Современный историк культуры, разумеется, вынужден поступать принципиально иначе, будучи умудрен и научен всеми испытанными в науке иллюзиями органичности. Но и для него по-прежнему реальна опасность модернизации культуры прошлого, его языка. Только эта опасность проистекает из иного. Такая опасность, казалось бы, снижается по мере того, как наука сознательно направляет свои усилия на постижение и описание специфического языка культуры прошлого, стремясь осознать и учесть долю «наблюдателя» в таком описании. Но с другой стороны, по мере того как современная культура, осмысляя свои основания, отрывается от традиционной культуры прошлого, опасность модернизации возрастает; вновь возникает иллюзорный момент «органичности» (основанный на том самом возрастающем самосознкнии культуры) — «наблюдатель», исследовательское «я» вступает во внутренний конфликт с усилиями науки, будучи источником возрастающих помех в эксперименте общения с прошлым. Прежде ученый мог «попадаться» на том, что был уверен: такое-то событие происходило так, а не иначе, потому что иначе быть не могло и иначе не бывает; теперь же он «попадается» на том, что нет ничего, в чем бы он не мог позволить себе усомниться. Прошлое вовсе не предоставлено произволу позднейшего поколения — иначе, разумеется, не может думать ни один серьезный историк, однако чуждость материала (который стал не-«моим», как бы отслоившись от живой для «меня» истории) может быть сильнее любых благих намерений. Итак, нарастающие в науке, идущие широким фронтом, неизбежные и необходимые работы по разрушению всевозможных «легенд» («романтических легенд») прошлого выступают как результат сразу же двух противонаправленных, сходящихся тенденций. А разрушая легенды, наука может сама оказываться в плену более стойкой и глубоко укорененной иллюзии — будто новый образ истории адекватен (наконец-то) ее реальности, ее сущности («как она есть» и какой она была). Так, историческая наука в своем антиромантическом пафосе открытия истины может достигать полюса обратного традиционным и долгое время разумевшимся само собой взглядам значительной степени общности. Как пишет А. Я. Гуревич, «в новейшей научной литературе весьма скептически оценивается точка зрения о господстве христианской идеологии и благочестия в средневековой Европе («миф о христианском средневековье»)»[1294]

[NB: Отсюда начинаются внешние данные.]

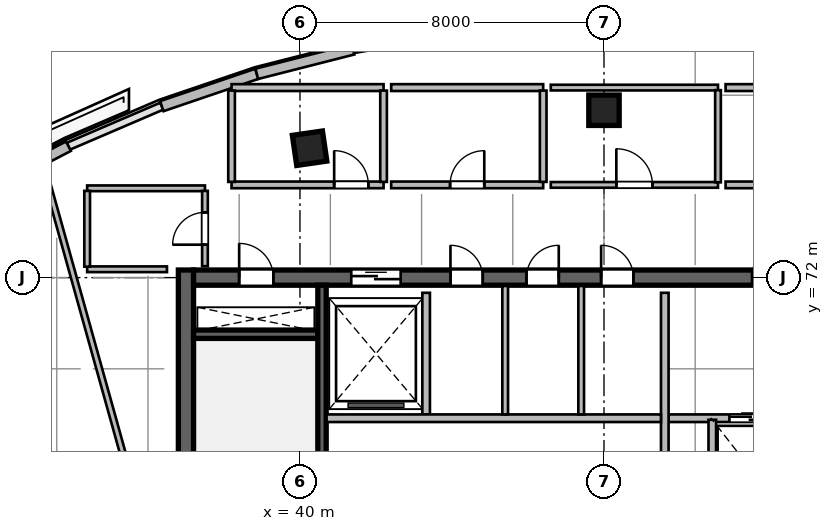
"""IFC4 building model, lengths in metres.
Left out: names, types, materials, properties, quantities, classifications, styles, units other than length and angle.
Written with IfcOpenShell. Run it as: python <this file> out.ifc"""

import sys

from ifc_helpers import new_model, si_unit, direction, frame, frame_2d, origin, origin_2d, place, context, subcontext, project, spatial, rectangle, extrude, source, transform, mapped, element, fill, save


model = new_model("IFC4")
c1 = context("Model", 3, precision=1e-05, world=origin(), true_north=direction((0.0, 1.0)))
c2 = subcontext(c1, "Body", "Model", "MODEL_VIEW")
j1 = project(units=[si_unit("LENGTHUNIT", "METRE"), si_unit("PLANEANGLEUNIT", "RADIAN")], contexts=[c1])
p1 = place(None, origin())
s1 = spatial("IfcSite", under=j1, at=p1, CompositionType="ELEMENT")
p2 = place(p1, origin())
s2 = spatial("IfcBuilding", under=s1, at=p2, CompositionType="ELEMENT")
p3 = place(p2, frame((0.0, 0.0, 275.7)))
s3 = spatial("IfcBuildingStorey", under=s2, at=p3, CompositionType="ELEMENT", Elevation=275.7)
m1 = source(origin(), c2, "Body", "SweptSolid", [
    extrude(rectangle(XDim=12.0, YDim=0.4, at=frame_2d((6.0, 0.0))), origin(), (0.0, 0.0, 1.0), 3.9),
])
p4 = place(p3, frame((37.0, 60.2, 0.0), z_axis=(0.0, 0.0, 1.0), x_axis=(0.0, 1.0, 0.0)))
e1 = element("IfcWall", 1, at=p4, inside=s3, PredefinedType="SHEAR", context=c2, shape_type="MappedRepresentation", body=[
    mapped(m1, transform((0.0, 0.0, 0.0), scale=1.0)),
])
m2 = source(origin(), c2, "Body", "SweptSolid", [
    extrude(rectangle(XDim=21.6, YDim=0.4, at=frame_2d((10.8, 0.0))), origin(), (0.0, 0.0, 1.0), 3.9),
])
p5 = place(p3, frame((37.2, 72.0, 0.0), z_axis=(0.0, 0.0, 1.0), x_axis=(1.0, 0.0, 0.0)))
e2 = element("IfcWall", 2, at=p5, inside=s3, PredefinedType="SHEAR", context=c2, shape_type="MappedRepresentation", body=[
    mapped(m2, transform((0.0, 0.0, 0.0), scale=1.0)),
])
p6 = place(p5, frame((1.2, 0.0, 0.0)))
e3 = element("IfcOpeningElement", 3, at=p6, cuts=e2, PredefinedType="OPENING", context=c2, shape_type="SweptSolid", body=[
    extrude(rectangle(XDim=0.9, YDim=2.1, at=frame_2d((0.45, 1.05))), frame((0.0, 0.21, 0.0), z_axis=(0.0, -1.0, 0.0), x_axis=(1.0, 0.0, 0.0)), (0.0, 0.0, 1.0), 0.42),
])
p7 = place(p5, frame((14.7, 0.0, 0.0)))
e4 = element("IfcOpeningElement", 4, at=p7, cuts=e2, PredefinedType="OPENING", context=c2, shape_type="SweptSolid", body=[
    extrude(rectangle(XDim=1.2, YDim=2.15, at=frame_2d((0.6, 1.075))), frame((0.0, 0.21, 0.0), z_axis=(0.0, -1.0, 0.0), x_axis=(1.0, 0.0, 0.0)), (0.0, 0.0, 1.0), 0.42),
])
p8 = place(p5, frame((4.15, 0.0, 0.0)))
e5 = element("IfcOpeningElement", 5, at=p8, cuts=e2, PredefinedType="OPENING", context=c2, shape_type="SweptSolid", body=[
    extrude(rectangle(XDim=1.3, YDim=2.15, at=frame_2d((0.65, 1.075))), frame((0.0, 0.21, 0.0), z_axis=(0.0, -1.0, 0.0), x_axis=(1.0, 0.0, 0.0)), (0.0, 0.0, 1.0), 0.42),
])
p9 = place(p5, frame((6.76, 0.0, 0.0)))
e6 = element("IfcOpeningElement", 6, at=p9, cuts=e2, PredefinedType="OPENING", context=c2, shape_type="SweptSolid", body=[
    extrude(rectangle(XDim=0.85, YDim=2.1, at=frame_2d((0.425, 1.05))), frame((0.0, 0.21, 0.0), z_axis=(0.0, -1.0, 0.0), x_axis=(1.0, 0.0, 0.0)), (0.0, 0.0, 1.0), 0.42),
])
p10 = place(p5, frame((8.76, 0.0, 0.0)))
e7 = element("IfcOpeningElement", 7, at=p10, cuts=e2, PredefinedType="OPENING", context=c2, shape_type="SweptSolid", body=[
    extrude(rectangle(XDim=0.85, YDim=2.1, at=frame_2d((0.425, 1.05))), frame((0.0, 0.21, 0.0), z_axis=(0.0, -1.0, 0.0), x_axis=(1.0, 0.0, 0.0)), (0.0, 0.0, 1.0), 0.42),
])
p11 = place(p5, frame((10.725, 0.0, 0.0)))
e8 = element("IfcOpeningElement", 8, at=p11, cuts=e2, PredefinedType="OPENING", context=c2, shape_type="SweptSolid", body=[
    extrude(rectangle(XDim=0.85, YDim=2.1, at=frame_2d((0.425, 1.05))), frame((0.0, 0.21, 0.0), z_axis=(0.0, -1.0, 0.0), x_axis=(1.0, 0.0, 0.0)), (0.0, 0.0, 1.0), 0.42),
])
m3 = source(origin(), c2, "Body", "SweptSolid", [
    extrude(rectangle(XDim=3.27, YDim=0.22, at=frame_2d((1.635, 0.0))), origin(), (0.0, 0.0, 1.0), 3.9),
])
p12 = place(p3, frame((37.2, 70.51, 0.0), z_axis=(0.0, 0.0, 1.0), x_axis=(1.0, 0.0, 0.0)))
e9 = element("IfcWall", 9, at=p12, inside=s3, PredefinedType="SHEAR", context=c2, shape_type="MappedRepresentation", body=[
    mapped(m3, transform((0.0, 0.0, 0.0), scale=1.0)),
])
m4 = source(origin(), c2, "Body", "SweptSolid", [
    extrude(rectangle(XDim=11.2, YDim=0.22, at=frame_2d((5.6, 0.0))), origin(), (0.0, 0.0, 1.0), 3.9),
])
p13 = place(p3, frame((40.58, 60.6, 0.0), z_axis=(0.0, 0.0, 1.0), x_axis=(0.0, 1.0, 0.0)))
e10 = element("IfcWall", 10, at=p13, inside=s3, PredefinedType="SHEAR", context=c2, shape_type="MappedRepresentation", body=[
    mapped(m4, transform((0.0, 0.0, 0.0), scale=1.0)),
])
m5 = source(origin(), c2, "Body", "SweptSolid", [
    extrude(rectangle(XDim=0.8, YDim=0.8, at=origin_2d()), origin(), (0.0, 0.0, 1.0), 3.9),
])
for number, where, z_axis, x_axis in (
    (11, (40.253, 75.404, 0.0), (0.0, 0.0, 1.0), (-0.143, 0.99, 0.0)),
    (12, (48.0, 76.404, 0.0), (0.0, 0.0, 1.0), (0.0, 1.0, 0.0)),
):
    element("IfcColumn", number, at=place(p3, frame(where, z_axis=z_axis, x_axis=x_axis)), inside=s3, PredefinedType="COLUMN", context=c2, shape_type="MappedRepresentation", body=[
        mapped(m5, transform((0.0, 0.0, 0.0), scale=1.0)),
    ])
m6 = source(origin(), c2, "Body", "SweptSolid", [
    extrude(rectangle(XDim=2.711, YDim=0.28, at=frame_2d((1.356, 0.0))), origin(), (0.0, 0.0, 1.0), 3.64),
])
p14 = place(p3, frame((31.502, 74.205, 0.0), z_axis=(0.0, 0.0, 1.0), x_axis=(0.886828760751, 0.462098202881, 0.0)))
e13 = element("IfcWall", 13, at=p14, inside=s3, PredefinedType="SOLIDWALL", context=c2, shape_type="MappedRepresentation", body=[
    mapped(m6, transform((0.0, 0.0, 0.0), scale=1.0)),
])
m7 = source(origin(), c2, "Body", "SweptSolid", [
    extrude(rectangle(XDim=2.64, YDim=0.28, at=frame_2d((1.32, 0.0))), origin(), (0.0, 0.0, 1.0), 3.64),
])
p15 = place(p3, frame((36.364, 76.511, 0.0), z_axis=(0.0, 0.0, 1.0), x_axis=(0.946685911962, 0.322158011064, 0.0)))
e14 = element("IfcWall", 14, at=p15, inside=s3, PredefinedType="SOLIDWALL", context=c2, shape_type="MappedRepresentation", body=[
    mapped(m7, transform((0.0, 0.0, 0.0), scale=1.0)),
])
m8 = source(origin(), c2, "Body", "SweptSolid", [
    extrude(rectangle(XDim=2.614, YDim=0.28, at=frame_2d((1.307, 0.0))), origin(), (0.0, 0.0, 1.0), 3.64),
])
p16 = place(p3, frame((38.863, 77.362, 0.0), z_axis=(0.0, 0.0, 1.0), x_axis=(0.969106509315, 0.246642602978, 0.0)))
e15 = element("IfcWall", 15, at=p16, inside=s3, PredefinedType="SOLIDWALL", context=c2, shape_type="MappedRepresentation", body=[
    mapped(m8, transform((0.0, 0.0, 0.0), scale=1.0)),
])
m9 = source(origin(), c2, "Body", "SweptSolid", [
    extrude(rectangle(XDim=5.62, YDim=0.2, at=frame_2d((2.81, 0.0))), origin(), (0.0, 0.0, 1.0), 3.64),
])
p17 = place(p3, frame((49.7, 68.3, 0.0), z_axis=(0.0, 0.0, 1.0), x_axis=(1.0, 0.0, 0.0)))
e16 = element("IfcWall", 16, at=p17, inside=s3, PredefinedType="SOLIDWALL", context=c2, shape_type="MappedRepresentation", body=[
    mapped(m9, transform((0.0, 0.0, 0.0), scale=1.0)),
])
p18 = place(p17, frame((1.6, 0.0, 0.0)))
e17 = element("IfcOpeningElement", 17, at=p18, cuts=e16, PredefinedType="OPENING", context=c2, shape_type="SweptSolid", body=[
    extrude(rectangle(XDim=1.1, YDim=2.15, at=frame_2d((0.55, 1.075))), frame((0.0, 0.11, 0.0), z_axis=(0.0, -1.0, 0.0), x_axis=(1.0, 0.0, 0.0)), (0.0, 0.0, 1.0), 0.22),
])
p19 = place(p17, frame((3.7, 0.0, 0.0)))
e18 = element("IfcOpeningElement", 18, at=p19, cuts=e16, PredefinedType="OPENING", context=c2, shape_type="SweptSolid", body=[
    extrude(rectangle(XDim=1.1, YDim=2.15, at=frame_2d((0.55, 1.075))), frame((0.0, 0.11, 0.0), z_axis=(0.0, -1.0, 0.0), x_axis=(1.0, 0.0, 0.0)), (0.0, 0.0, 1.0), 0.22),
])
m10 = source(origin(), c2, "Body", "SweptSolid", [
    extrude(rectangle(XDim=5.8, YDim=0.2, at=frame_2d((2.9, 0.0))), origin(), (0.0, 0.0, 1.0), 3.64),
])
p20 = place(p3, frame((49.6, 65.8, 0.0), z_axis=(0.0, 0.0, 1.0), x_axis=(0.0, 1.0, 0.0)))
e19 = element("IfcWall", 19, at=p20, inside=s3, PredefinedType="SOLIDWALL", context=c2, shape_type="MappedRepresentation", body=[
    mapped(m10, transform((0.0, 0.0, 0.0), scale=1.0)),
])
m11 = source(origin(), c2, "Body", "SweptSolid", [
    extrude(rectangle(XDim=2.58, YDim=0.2, at=frame_2d((1.29, 0.0))), origin(), (0.0, 0.0, 1.0), 3.64),
])
p21 = place(p3, frame((50.85, 65.68, 0.0), z_axis=(0.0, 0.0, 1.0), x_axis=(0.0, 1.0, 0.0)))
e20 = element("IfcWall", 20, at=p21, inside=s3, PredefinedType="SOLIDWALL", context=c2, shape_type="MappedRepresentation", body=[
    mapped(m11, transform((0.0, 0.0, 0.0), scale=1.0)),
])
m12 = source(origin(), c2, "Body", "SweptSolid", [
    extrude(rectangle(XDim=3.2, YDim=0.2, at=frame_2d((1.6, 0.0))), origin(), (0.0, 0.0, 1.0), 3.64),
])
p22 = place(p3, frame((43.32, 68.4, 0.0), z_axis=(0.0, 0.0, 1.0), x_axis=(0.0, 1.0, 0.0)))
e21 = element("IfcWall", 21, at=p22, inside=s3, PredefinedType="SOLIDWALL", context=c2, shape_type="MappedRepresentation", body=[
    mapped(m12, transform((0.0, 0.0, 0.0), scale=1.0)),
])
m13 = source(origin(), c2, "Body", "SweptSolid", [
    extrude(rectangle(XDim=8.8, YDim=0.2, at=frame_2d((4.4, 0.0))), origin(), (0.0, 0.0, 1.0), 3.64),
])
p23 = place(p3, frame((40.7, 68.3, 0.0), z_axis=(0.0, 0.0, 1.0), x_axis=(1.0, 0.0, 0.0)))
e22 = element("IfcWall", 22, at=p23, inside=s3, PredefinedType="SOLIDWALL", context=c2, shape_type="MappedRepresentation", body=[
    mapped(m13, transform((0.0, 0.0, 0.0), scale=1.0)),
])
m14 = source(origin(), c2, "Body", "SweptSolid", [
    extrude(rectangle(XDim=3.38, YDim=0.15, at=frame_2d((1.69, 0.0))), origin(), (0.0, 0.0, 1.0), 3.64),
])
for number, where, z_axis, x_axis in (
    (23, (45.4, 68.4, 0.0), (0.0, 0.0, 1.0), (0.0, 1.0, 0.0)),
    (24, (47.4, 68.4, 0.0), (0.0, 0.0, 1.0), (0.0, 1.0, 0.0)),
):
    element("IfcWall", number, at=place(p3, frame(where, z_axis=z_axis, x_axis=x_axis)), inside=s3, PredefinedType="PARTITIONING", context=c2, shape_type="MappedRepresentation", body=[
        mapped(m14, transform((0.0, 0.0, 0.0), scale=1.0)),
    ])
m15 = source(origin(), c2, "Body", "SweptSolid", [
    extrude(rectangle(XDim=2.1, YDim=0.15, at=frame_2d((1.05, 0.0))), origin(), (0.0, 0.0, 1.0), 3.64),
])
p24 = place(p3, frame((34.4, 72.22, 0.0), z_axis=(0.0, 0.0, 1.0), x_axis=(1.0, 0.0, 0.0)))
e25 = element("IfcWall", 25, at=p24, inside=s3, PredefinedType="PARTITIONING", context=c2, shape_type="MappedRepresentation", body=[
    mapped(m15, transform((0.0, 0.0, 0.0), scale=1.0)),
])
m16 = source(origin(), c2, "Body", "SweptSolid", [
    extrude(rectangle(XDim=3.1, YDim=0.15, at=frame_2d((1.55, 0.0))), origin(), (0.0, 0.0, 1.0), 3.071),
])
p25 = place(p3, frame((34.4, 74.35, 0.0), z_axis=(0.0, 0.0, 1.0), x_axis=(1.0, 0.0, 0.0)))
e26 = element("IfcWall", 26, at=p25, inside=s3, PredefinedType="PARTITIONING", context=c2, shape_type="MappedRepresentation", body=[
    mapped(m16, transform((0.0, 0.0, 0.0), scale=1.0)),
])
m17 = source(origin(), c2, "Body", "SweptSolid", [
    extrude(rectangle(XDim=1.995, YDim=0.15, at=frame_2d((0.998, 0.0))), origin(), (0.0, 0.0, 1.0), 3.64),
])
p26 = place(p3, frame((34.4, 72.288, 0.0), z_axis=(0.0, 0.0, 1.0), x_axis=(0.0, 1.0, 0.0)))
e27 = element("IfcWall", 27, at=p26, inside=s3, PredefinedType="PARTITIONING", context=c2, shape_type="MappedRepresentation", body=[
    mapped(m17, transform((0.0, 0.0, 0.0), scale=1.0)),
])
m18 = source(origin(), c2, "Body", "SweptSolid", [
    extrude(rectangle(XDim=1.982, YDim=0.15, at=frame_2d((0.991, 0.0))), origin(), (0.0, 0.0, 1.0), 3.64),
])
p27 = place(p3, frame((37.5, 72.3, 0.0), z_axis=(0.0, 0.0, 1.0), x_axis=(0.0, 1.0, 0.0)))
e28 = element("IfcWall", 28, at=p27, inside=s3, PredefinedType="PARTITIONING", context=c2, shape_type="MappedRepresentation", body=[
    mapped(m18, transform((0.0, 0.0, 0.0), scale=1.0)),
])
p28 = place(p27, frame((0.566, 0.0, 0.0)))
e29 = element("IfcOpeningElement", 29, at=p28, cuts=e28, PredefinedType="OPENING", context=c2, shape_type="SweptSolid", body=[
    extrude(rectangle(XDim=0.85, YDim=2.1, at=frame_2d((0.425, 1.05))), frame((0.0, 0.085, 0.0), z_axis=(0.0, -1.0, 0.0), x_axis=(1.0, 0.0, 0.0)), (0.0, 0.0, 1.0), 0.17),
])
m19 = source(origin(), c2, "Body", "SweptSolid", [
    extrude(rectangle(XDim=4.0, YDim=0.175, at=frame_2d((2.0, 0.0))), origin(), (0.0, 0.0, 1.0), 3.64),
])
p29 = place(p3, frame((38.2, 74.44, 0.0), z_axis=(0.0, 0.0, 1.0), x_axis=(1.0, 0.0, 0.0)))
e30 = element("IfcWall", 30, at=p29, inside=s3, PredefinedType="PARTITIONING", context=c2, shape_type="MappedRepresentation", body=[
    mapped(m19, transform((0.0, 0.0, 0.0), scale=1.0)),
])
p30 = place(p29, frame((2.7, 0.0, 0.0)))
e31 = element("IfcOpeningElement", 31, at=p30, cuts=e30, PredefinedType="OPENING", context=c2, shape_type="SweptSolid", body=[
    extrude(rectangle(XDim=0.9, YDim=2.08, at=frame_2d((0.45, 1.04))), frame((0.0, 0.098, 0.0), z_axis=(0.0, -1.0, 0.0), x_axis=(1.0, 0.0, 0.0)), (0.0, 0.0, 1.0), 0.195),
])
m20 = source(origin(), c2, "Body", "SweptSolid", [
    extrude(rectangle(XDim=4.0, YDim=0.18, at=frame_2d((2.0, 0.0))), origin(), (0.0, 0.0, 1.0), 3.64),
])
p31 = place(p3, frame((38.2, 77.0, 0.0), z_axis=(0.0, 0.0, 1.0), x_axis=(1.0, 0.0, 0.0)))
e32 = element("IfcWall", 32, at=p31, inside=s3, PredefinedType="PLUMBINGWALL", context=c2, shape_type="MappedRepresentation", body=[
    mapped(m20, transform((0.0, 0.0, 0.0), scale=1.0)),
])
m21 = source(origin(), c2, "Body", "SweptSolid", [
    extrude(rectangle(XDim=2.403, YDim=0.175, at=frame_2d((1.201, 0.0))), origin(), (0.0, 0.0, 1.0), 3.64),
])
for number, where, z_axis, x_axis in (
    (33, (38.2, 74.519, 0.0), (0.0, 0.0, 1.0), (0.0, 1.0, 0.0)),
    (34, (42.2, 74.519, 0.0), (0.0, 0.0, 1.0), (0.0, 1.0, 0.0)),
):
    element("IfcWall", number, at=place(p3, frame(where, z_axis=z_axis, x_axis=x_axis)), inside=s3, PredefinedType="PARTITIONING", context=c2, shape_type="MappedRepresentation", body=[
        mapped(m21, transform((0.0, 0.0, 0.0), scale=1.0)),
    ])
p32 = place(p3, frame((42.4, 74.44, 0.0), z_axis=(0.0, 0.0, 1.0), x_axis=(1.0, 0.0, 0.0)))
e35 = element("IfcWall", 35, at=p32, inside=s3, PredefinedType="PARTITIONING", context=c2, shape_type="MappedRepresentation", body=[
    mapped(m19, transform((0.0, 0.0, 0.0), scale=1.0)),
])
p33 = place(p32, frame((1.55, 0.0, 0.0)))
e36 = element("IfcOpeningElement", 36, at=p33, cuts=e35, PredefinedType="OPENING", context=c2, shape_type="SweptSolid", body=[
    extrude(rectangle(XDim=0.9, YDim=2.08, at=frame_2d((0.45, 1.04))), frame((0.0, 0.098, 0.0), z_axis=(0.0, -1.0, 0.0), x_axis=(1.0, 0.0, 0.0)), (0.0, 0.0, 1.0), 0.195),
])
p34 = place(p3, frame((42.4, 77.0, 0.0), z_axis=(0.0, 0.0, 1.0), x_axis=(1.0, 0.0, 0.0)))
e37 = element("IfcWall", 37, at=p34, inside=s3, PredefinedType="PLUMBINGWALL", context=c2, shape_type="MappedRepresentation", body=[
    mapped(m20, transform((0.0, 0.0, 0.0), scale=1.0)),
])
p35 = place(p3, frame((46.4, 74.519, 0.0), z_axis=(0.0, 0.0, 1.0), x_axis=(0.0, 1.0, 0.0)))
e38 = element("IfcWall", 38, at=p35, inside=s3, PredefinedType="PARTITIONING", context=c2, shape_type="MappedRepresentation", body=[
    mapped(m21, transform((0.0, 0.0, 0.0), scale=1.0)),
])
m22 = source(origin(), c2, "Body", "SweptSolid", [
    extrude(rectangle(XDim=4.4, YDim=0.15, at=frame_2d((2.2, 0.0))), origin(), (0.0, 0.0, 1.0), 3.64),
])
p36 = place(p3, frame((46.6, 74.44, 0.0), z_axis=(0.0, 0.0, 1.0), x_axis=(1.0, 0.0, 0.0)))
e39 = element("IfcWall", 39, at=p36, inside=s3, PredefinedType="PARTITIONING", context=c2, shape_type="MappedRepresentation", body=[
    mapped(m22, transform((0.0, 0.0, 0.0), scale=1.0)),
])
p37 = place(p36, frame((1.725, 0.0, 0.0)))
e40 = element("IfcOpeningElement", 40, at=p37, cuts=e39, PredefinedType="OPENING", context=c2, shape_type="SweptSolid", body=[
    extrude(rectangle(XDim=0.95, YDim=2.1, at=frame_2d((0.475, 1.05))), frame((0.0, 0.085, 0.0), z_axis=(0.0, -1.0, 0.0), x_axis=(1.0, 0.0, 0.0)), (0.0, 0.0, 1.0), 0.17),
])
p38 = place(p3, frame((46.6, 77.0, 0.0), z_axis=(0.0, 0.0, 1.0), x_axis=(1.0, 0.0, 0.0)))
e41 = element("IfcWall", 41, at=p38, inside=s3, PredefinedType="PARTITIONING", context=c2, shape_type="MappedRepresentation", body=[
    mapped(m22, transform((0.0, 0.0, 0.0), scale=1.0)),
])
m23 = source(origin(), c2, "Body", "SweptSolid", [
    extrude(rectangle(XDim=2.425, YDim=0.15, at=frame_2d((1.212, 0.0))), origin(), (0.0, 0.0, 1.0), 3.64),
])
p39 = place(p3, frame((51.0, 74.508, 0.0), z_axis=(0.0, 0.0, 1.0), x_axis=(0.0, 1.0, 0.0)))
e42 = element("IfcWall", 42, at=p39, inside=s3, PredefinedType="PARTITIONING", context=c2, shape_type="MappedRepresentation", body=[
    mapped(m23, transform((0.0, 0.0, 0.0), scale=1.0)),
])
m24 = source(origin(), c2, "Body", "SweptSolid", [
    extrude(rectangle(XDim=4.2, YDim=0.175, at=frame_2d((2.1, 0.0))), origin(), (0.0, 0.0, 1.0), 3.64),
])
p40 = place(p3, frame((51.2, 74.44, 0.0), z_axis=(0.0, 0.0, 1.0), x_axis=(1.0, 0.0, 0.0)))
e43 = element("IfcWall", 43, at=p40, inside=s3, PredefinedType="PARTITIONING", context=c2, shape_type="MappedRepresentation", body=[
    mapped(m24, transform((0.0, 0.0, 0.0), scale=1.0)),
])
p41 = place(p40, frame((1.625, 0.0, 0.0)))
e44 = element("IfcOpeningElement", 44, at=p41, cuts=e43, PredefinedType="OPENING", context=c2, shape_type="SweptSolid", body=[
    extrude(rectangle(XDim=0.95, YDim=2.12, at=frame_2d((0.475, 1.06))), frame((0.0, 0.098, 0.0), z_axis=(0.0, -1.0, 0.0), x_axis=(1.0, 0.0, 0.0)), (0.0, 0.0, 1.0), 0.195),
])
m25 = source(origin(), c2, "Body", "SweptSolid", [
    extrude(rectangle(XDim=4.2, YDim=0.18, at=frame_2d((2.1, 0.0))), origin(), (0.0, 0.0, 1.0), 3.64),
])
p42 = place(p3, frame((51.2, 77.0, 0.0), z_axis=(0.0, 0.0, 1.0), x_axis=(1.0, 0.0, 0.0)))
e45 = element("IfcWall", 45, at=p42, inside=s3, PredefinedType="PLUMBINGWALL", context=c2, shape_type="MappedRepresentation", body=[
    mapped(m25, transform((0.0, 0.0, 0.0), scale=1.0)),
])
m26 = source(origin(), c2, "Body", "SweptSolid", [
    extrude(rectangle(XDim=17.556, YDim=0.15, at=frame_2d((8.778, 0.0))), origin(), (0.0, 0.0, 1.0), 3.64),
])
p43 = place(p3, frame((33.8, 54.958, 0.0), z_axis=(0.0, 0.0, 1.0), x_axis=(-0.395687598313, 0.918385172213, 0.0)))
e46 = element("IfcWall", 46, at=p43, inside=s3, PredefinedType="PARTITIONING", context=c2, shape_type="MappedRepresentation", body=[
    mapped(m26, transform((0.0, 0.0, 0.0), scale=1.0)),
])
m27 = source(origin(), c2, "Body", "SweptSolid", [
    extrude(rectangle(XDim=12.311, YDim=0.15, at=frame_2d((6.155, 0.0))), origin(), (0.0, 0.0, 1.0), 3.64),
])
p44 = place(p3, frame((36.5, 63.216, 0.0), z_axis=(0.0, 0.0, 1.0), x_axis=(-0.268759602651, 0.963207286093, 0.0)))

; взгляды некоторых французских ученых формулируются в таком виде: «„Христианское Средневековье“ есть легенда, а потому ошибочны и рассуждения о „дехристианизации“ Европы с переходом к новому времени»; «мир никогда не был христианским»[1295]. Весьма характерно то, что исследователи, делающие упор на объективности своего описания средневековой культуры и высказывающиеся о вере и неверии, о христианстве или язычестве народных масс Средневековья, нередко забывают определить, что следует считать верой и неверием, где проходят границы между «христианством» и «нехристианством» для данных исторических условий и определенной духовной ситуации, между тем как отдельные «факты» — участие в языческих обрядах, непонимание или недопонимание христианских символов, незнание основных учений религии — сами по себе говорят еще очень мало. Тогда складывается впечатление, что в богатом инструментарии исследователя недостает одного нужного инструмента. Как пишет М. Верли, «понимать мир средневековых легенд, мариологии, демонологии и развитой эсхатологии просто как мифологизацию христианства и перерождение его в язычество — это заблуждение, к которому склоняются Г. Р. Яусс, Р. Варнинг и Р. Герцог. Заблуждение уже потому, что мы навязываем тогда Средним векам наше современное документалистски-позитивистское понятие истины»[1296]. Это лишь один из возможных аргументов против «дехристианизации» европейского Средневековья.В радикальном пересмотре взглядов на европейское Средневековье настораживает очевидная зависимость от противоположного традиционного взгляда («христианский мир»); образ «нехристианского» средневековья коренится в резко отличном от традиционного культурном сознании современности (не-традиционность — его свойство и тенденция, способная «самоуглубляться»). Поэтому если «религиозная история Средневековья, традиционно сосредоточивавшаяся на истории церкви и ее институтов, догмы, теологии и мистики, стала во все большей мере вытесняться социологией религии, перенесением центра внимания с вершин «вглубь»[1297]
, то к этому следует добавить, что само это движущееся в глубину внимание одновременно же становится все более отстраненным и в некотором отношении более поверхностным — взгляд в глубину, но при этом проницательность лишь стороннего наблюдателя. Так, повышенная способность пересматривать общепринятые в прошлом взгляды, разоблачать легенды и делать открытия отчасти напоминает способность перса, прибывшего в Париж («Персидские письма» Монтескье), изумляться увиденному — зрение остро и поверхностно постигает чужое.